Impact on Sports / Academic Success
Respiratory problems due to a nasal trauma may affect individuals engaged in sports/activities that require high performance at a young age. In cases where functional problems in the nose affect sleep quality, school success, daily concentration, sports performance, or where they trigger septum-induced headaches or recurrent sinusitis episodes, rhinoplasty may become a medical necessity rather than an arbitrary aesthetic procedure. In such cases, surgery is possible at earlier ages.
Traumatic Deformities
Deformities caused by a serious accident and trauma may need to be treated at an early age. Some deviations in the nose will not improve as age progresses, and on the contrary, they will make the patient's life increasingly difficult. In such cases, as there is no use in waiting, the required medical intervention can be performed at an earlier age.
Emotional Maturity
Besides physical maturity, there is also the question of emotional maturity to consider. Rhinoplasty is a permanent change in the physical appearance of a young individual. After the operation, it is not possible to say, “I'm bored with this model. I'll switch to another.” An emotionally-mature adolescent who knows what they are doing can accept permanent changes in their body in an adult-like manner.

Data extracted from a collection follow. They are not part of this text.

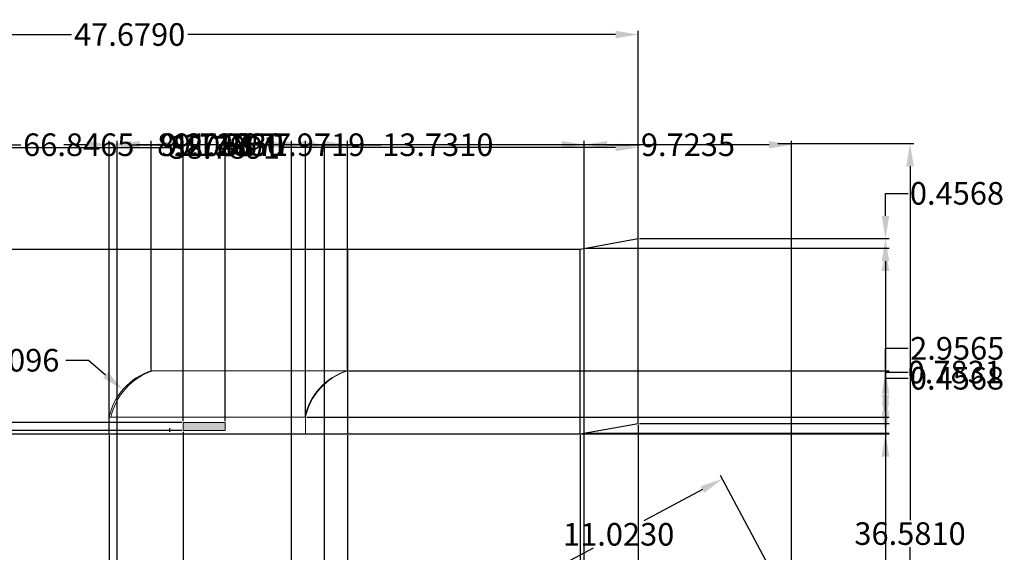
# Model space of a CAD drawing. Units: inches. Extents: x 32.3 to 119.3, y 11.9 to 64.
# Tile 3 of 3: x 73.2 to 119.3, y 39 to 64. Entities that reach past the tile are written whole.
import ezdxf

# ---------------------------------------------------------------- set-up
doc = ezdxf.new("R2010")
doc.units = ezdxf.units.IN
doc.header["$MEASUREMENT"] = 0
for name, color, linetype, lineweight in [('A-ANNO-DIMS', 2, 'Continuous', 18), ('A-EQPM', 4, 'Continuous', 18), ('A-EQPM-PATT', 8, 'Continuous', 13), ('A-FURN', 7, 'Continuous', 25)]:
    doc.layers.add(name, color=color, linetype=linetype, lineweight=lineweight)
doc.styles.get("Standard").update_dxf_attribs({"font": 'arial.ttf'})
doc.dimstyles.get("Standard").update_dxf_attribs({"dimtxt": 1.06, "dimasz": 1.06, "dimexe": 0.18, "dimexo": 0.0625, "dimgap": 0.09, "dimtad": 0, "dimtih": 1, "dimtoh": 1, "dimdec": 4, "dimzin": 0, "dimdsep": 46, "dimtxsty": 'Standard', "dimcen": 0.09, "dimadec": 0, "dimazin": 0, "dimtfac": 1, "dimtdec": 4, "dimtofl": 0, "dimtmove": 0, "dimatfit": 3, "dimfxl": 1, "dimtolj": 1, "dimtzin": 0, "dimarcsym": 0})

# ---------------------------------------------------------------- blocks, each defined once
blk = doc.blocks.new('*D1')
at = {"layer": 'A-ANNO-DIMS', "color": 0, "lineweight": -2, "transparency": 16777216}
for p, q in [((54.478, 52.49), (54.478, 63.441)), ((55.538, 63.261), (75.596, 63.261)), ((101.097, 63.261), (81.039, 63.261)), ((102.157, 52.49), (102.157, 63.441))]:
    blk.add_line(p, q, dxfattribs=at)
at = {"layer": 'A-ANNO-DIMS', "color": 0, "transparency": 16777216}
for points in [[(55.538, 63.438), (55.538, 63.085), (54.478, 63.261)], [(101.097, 63.438), (101.097, 63.085), (102.157, 63.261)]]:
    blk.add_solid(points, dxfattribs=at)
at = {"layer": 'Defpoints', "color": 0, "transparency": 16777216}
for p in [(102.157, 63.261), (54.478, 52.427), (102.157, 52.427)]:
    blk.add_point(p, dxfattribs=at)
at = {"layer": 'A-ANNO-DIMS', "color": 0, "transparency": 16777216, "insert": (78.318, 63.261), "char_height": 1.06, "attachment_point": 5}
blk.add_mtext('\\A1;47.6790', dxfattribs=at)
blk = doc.blocks.new('*D4')
at = {"layer": 'A-ANNO-DIMS', "color": 0, "lineweight": -2, "transparency": 16777216}
for p, q in [((63.368, 55.782), (63.368, 58.146)), ((64.428, 57.966), (80.163, 57.966)), ((101.097, 57.966), (85.362, 57.966)), ((102.157, 55.782), (102.157, 58.146))]:
    blk.add_line(p, q, dxfattribs=at)
at = {"layer": 'A-ANNO-DIMS', "color": 0, "transparency": 16777216}
for points in [[(64.428, 58.142), (64.428, 57.789), (63.368, 57.966)], [(101.097, 58.142), (101.097, 57.789), (102.157, 57.966)]]:
    blk.add_solid(points, dxfattribs=at)
at = {"layer": 'Defpoints', "color": 0, "transparency": 16777216}
for p in [(102.157, 57.966), (63.368, 55.72), (102.157, 55.72)]:
    blk.add_point(p, dxfattribs=at)
at = {"layer": 'A-ANNO-DIMS', "color": 0, "transparency": 16777216, "insert": (82.763, 57.966), "char_height": 1.06, "attachment_point": 5}
blk.add_mtext('\\A1;38.7891', dxfattribs=at)
blk = doc.blocks.new('*D10')
at = {"layer": 'A-ANNO-DIMS', "color": 0, "lineweight": -2, "transparency": 16777216}
for p, q in [((109.325, 36.391), (106.022, 42.576)), ((105.172, 41.918), (102.428, 40.453)), ((97.318, 37.724), (100.062, 39.19)), ((99.602, 31.198), (96.298, 37.384))]:
    blk.add_line(p, q, dxfattribs=at)
at = {"layer": 'A-ANNO-DIMS', "color": 0, "transparency": 16777216}
for points in [[(105.088, 42.074), (105.255, 41.762), (106.107, 42.418)], [(97.235, 37.88), (97.401, 37.569), (96.383, 37.225)]]:
    blk.add_solid(points, dxfattribs=at)
at = {"layer": 'Defpoints', "color": 0, "transparency": 16777216}
for p in [(106.107, 42.418), (109.354, 36.335), (99.631, 31.143)]:
    blk.add_point(p, dxfattribs=at)
at = {"layer": 'A-ANNO-DIMS', "color": 0, "transparency": 16777216, "insert": (101.245, 39.821), "char_height": 1.06, "attachment_point": 5}
blk.add_mtext('\\A1;11.0230', dxfattribs=at)
blk = doc.blocks.new('*D11')
at = {"layer": 'A-ANNO-DIMS', "color": 0, "lineweight": -2, "transparency": 16777216}
for p, q in [((108.706, 58.146), (115.085, 58.146)), ((114.905, 57.086), (114.905, 40.487)), ((114.905, 22.625), (114.905, 39.223)), ((108.706, 21.565), (115.085, 21.565))]:
    blk.add_line(p, q, dxfattribs=at)
at = {"layer": 'A-ANNO-DIMS', "color": 0, "transparency": 16777216}
for points in [[(114.729, 57.086), (115.082, 57.086), (114.905, 58.146)], [(114.729, 22.625), (115.082, 22.625), (114.905, 21.565)]]:
    blk.add_solid(points, dxfattribs=at)
at = {"layer": 'Defpoints', "color": 0, "transparency": 16777216}
for p in [(108.644, 58.146), (114.905, 58.146), (108.644, 21.565)]:
    blk.add_point(p, dxfattribs=at)
at = {"layer": 'A-ANNO-DIMS', "color": 0, "transparency": 16777216, "insert": (114.905, 39.855), "char_height": 1.06, "attachment_point": 5}
blk.add_mtext('\\A1;36.5810', dxfattribs=at)
blk = doc.blocks.new('*D12')
at = {"layer": 'A-ANNO-DIMS', "color": 0, "lineweight": -2, "transparency": 16777216}
for p, q in [((42.508, 51.967), (42.508, 58.272)), ((109.354, 36.398), (109.354, 58.272)), ((43.568, 58.092), (73.222, 58.092)), ((108.294, 58.092), (78.64, 58.092))]:
    blk.add_line(p, q, dxfattribs=at)
at = {"layer": 'A-ANNO-DIMS', "color": 0, "transparency": 16777216}
for points in [[(43.568, 58.269), (43.568, 57.916), (42.508, 58.092)], [(108.294, 58.269), (108.294, 57.916), (109.354, 58.092)]]:
    blk.add_solid(points, dxfattribs=at)
at = {"layer": 'Defpoints', "color": 0, "transparency": 16777216}
for p in [(109.354, 58.092), (42.508, 51.905), (109.354, 36.335)]:
    blk.add_point(p, dxfattribs=at)
at = {"layer": 'A-ANNO-DIMS', "color": 0, "transparency": 16777216, "insert": (75.931, 58.092), "char_height": 1.06, "attachment_point": 5}
blk.add_mtext('\\A1;66.8465', dxfattribs=at)
blk = doc.blocks.new('*D23')
at = {"layer": 'A-ANNO-DIMS', "color": 0, "lineweight": -2, "transparency": 16777216}
for p, q in [((102.22, 53.692), (113.934, 53.692)), ((113.754, 52.632), (113.754, 35.971)), ((113.754, 18.046), (113.754, 34.708)), ((99.726, 16.986), (113.934, 16.986))]:
    blk.add_line(p, q, dxfattribs=at)
at = {"layer": 'A-ANNO-DIMS', "color": 0, "transparency": 16777216}
for points in [[(113.578, 52.632), (113.931, 52.632), (113.754, 53.692)], [(113.578, 18.046), (113.931, 18.046), (113.754, 16.986)]]:
    blk.add_solid(points, dxfattribs=at)
at = {"layer": 'Defpoints', "color": 0, "transparency": 16777216}
for p in [(102.157, 53.692), (113.754, 53.692), (99.664, 16.986)]:
    blk.add_point(p, dxfattribs=at)
at = {"layer": 'A-ANNO-DIMS', "color": 0, "transparency": 16777216, "insert": (113.754, 35.339), "char_height": 1.06, "attachment_point": 5}
blk.add_mtext('\\A1;36.7068', dxfattribs=at)
blk = doc.blocks.new('*D26')
at = {"layer": 'A-ANNO-DIMS', "color": 0, "lineweight": -2, "transparency": 16777216}
for p, q in [((77.355, 45.373), (77.355, 58.272)), ((88.528, 47.546), (88.528, 58.272)), ((78.415, 58.092), (80.292, 58.092)), ((87.468, 58.092), (85.592, 58.092))]:
    blk.add_line(p, q, dxfattribs=at)
at = {"layer": 'A-ANNO-DIMS', "color": 0, "transparency": 16777216}
for points in [[(78.415, 58.269), (78.415, 57.916), (77.355, 58.092)], [(87.468, 58.269), (87.468, 57.916), (88.528, 58.092)]]:
    blk.add_solid(points, dxfattribs=at)
at = {"layer": 'Defpoints', "color": 0, "transparency": 16777216}
for p in [(88.528, 58.092), (88.528, 47.484), (77.355, 45.31)]:
    blk.add_point(p, dxfattribs=at)
at = {"layer": 'A-ANNO-DIMS', "color": 0, "transparency": 16777216, "insert": (82.942, 58.092), "char_height": 1.06, "attachment_point": 5}
blk.add_mtext('\\A1;11.1730', dxfattribs=at)
blk = doc.blocks.new('*D27')
at = {"layer": 'A-ANNO-DIMS', "color": 0, "lineweight": -2, "transparency": 16777216}
for p, q in [((88.528, 44.465), (88.528, 12.388)), ((99.437, 44.465), (99.437, 12.388)), ((89.588, 12.568), (91.33, 12.568)), ((98.377, 12.568), (96.636, 12.568))]:
    blk.add_line(p, q, dxfattribs=at)
at = {"layer": 'A-ANNO-DIMS', "color": 0, "transparency": 16777216}
for points in [[(89.588, 12.745), (89.588, 12.391), (88.528, 12.568)], [(98.377, 12.745), (98.377, 12.391), (99.437, 12.568)]]:
    blk.add_solid(points, dxfattribs=at)
at = {"layer": 'Defpoints', "color": 0, "transparency": 16777216}
for p in [(88.528, 44.527), (99.437, 44.527), (99.437, 12.568)]:
    blk.add_point(p, dxfattribs=at)
at = {"layer": 'A-ANNO-DIMS', "color": 0, "transparency": 16777216, "insert": (93.983, 12.568), "char_height": 1.06, "attachment_point": 5}
blk.add_mtext('\\A1;10.9088', dxfattribs=at)
blk = doc.blocks.new('*D28')
at = {"layer": 'A-ANNO-DIMS', "color": 0, "lineweight": -2, "transparency": 16777216}
for p, q in [((102.157, 44.957), (102.157, 12.388)), ((99.437, 44.465), (99.437, 12.388)), ((100.497, 12.568), (101.097, 12.568)), ((102.157, 12.568), (103.217, 12.568))]:
    blk.add_line(p, q, dxfattribs=at)
at = {"layer": 'A-ANNO-DIMS', "color": 0, "transparency": 16777216}
for points in [[(100.497, 12.745), (100.497, 12.391), (99.437, 12.568)], [(101.097, 12.745), (101.097, 12.391), (102.157, 12.568)]]:
    blk.add_solid(points, dxfattribs=at)
at = {"layer": 'Defpoints', "color": 0, "transparency": 16777216}
for p in [(102.157, 45.02), (99.437, 44.527), (102.157, 12.568)]:
    blk.add_point(p, dxfattribs=at)
at = {"layer": 'A-ANNO-DIMS', "color": 0, "transparency": 16777216, "insert": (105.414, 12.568), "char_height": 1.06, "attachment_point": 5}
blk.add_mtext('\\A1;2.7201', dxfattribs=at)
blk = doc.blocks.new('*D29')
at = {"layer": 'A-ANNO-DIMS', "color": 0, "lineweight": -2, "transparency": 16777216}
for p, q in [((113.754, 54.752), (113.754, 55.812)), ((113.754, 55.812), (114.814, 55.812)), ((102.22, 53.692), (113.934, 53.692)), ((99.696, 53.236), (113.934, 53.236)), ((113.754, 52.176), (113.754, 51.116))]:
    blk.add_line(p, q, dxfattribs=at)
at = {"layer": 'A-ANNO-DIMS', "color": 0, "transparency": 16777216}
for points in [[(113.578, 54.752), (113.931, 54.752), (113.754, 53.692)], [(113.578, 52.176), (113.931, 52.176), (113.754, 53.236)]]:
    blk.add_solid(points, dxfattribs=at)
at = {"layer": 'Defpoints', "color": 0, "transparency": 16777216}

My advice for parents is that they make sure their child has realistic expectations about rhinoplasty and is also physically and emotionally stable. Although rhinoplasty can have a positive effect on the adolescent's body image, the new nose will not improve, for example, a bad emotional relationship.
Particularly in a high school environment, young individuals may be exposed to cruel criticism and cynical attitudes by their friends. It is imperative that young individuals to undergo rhinoplasty are able to receive negative or positive feedback from their social environment maturely and have reached a level of maturity to construct their self-concept independently from the opinions of other individuals.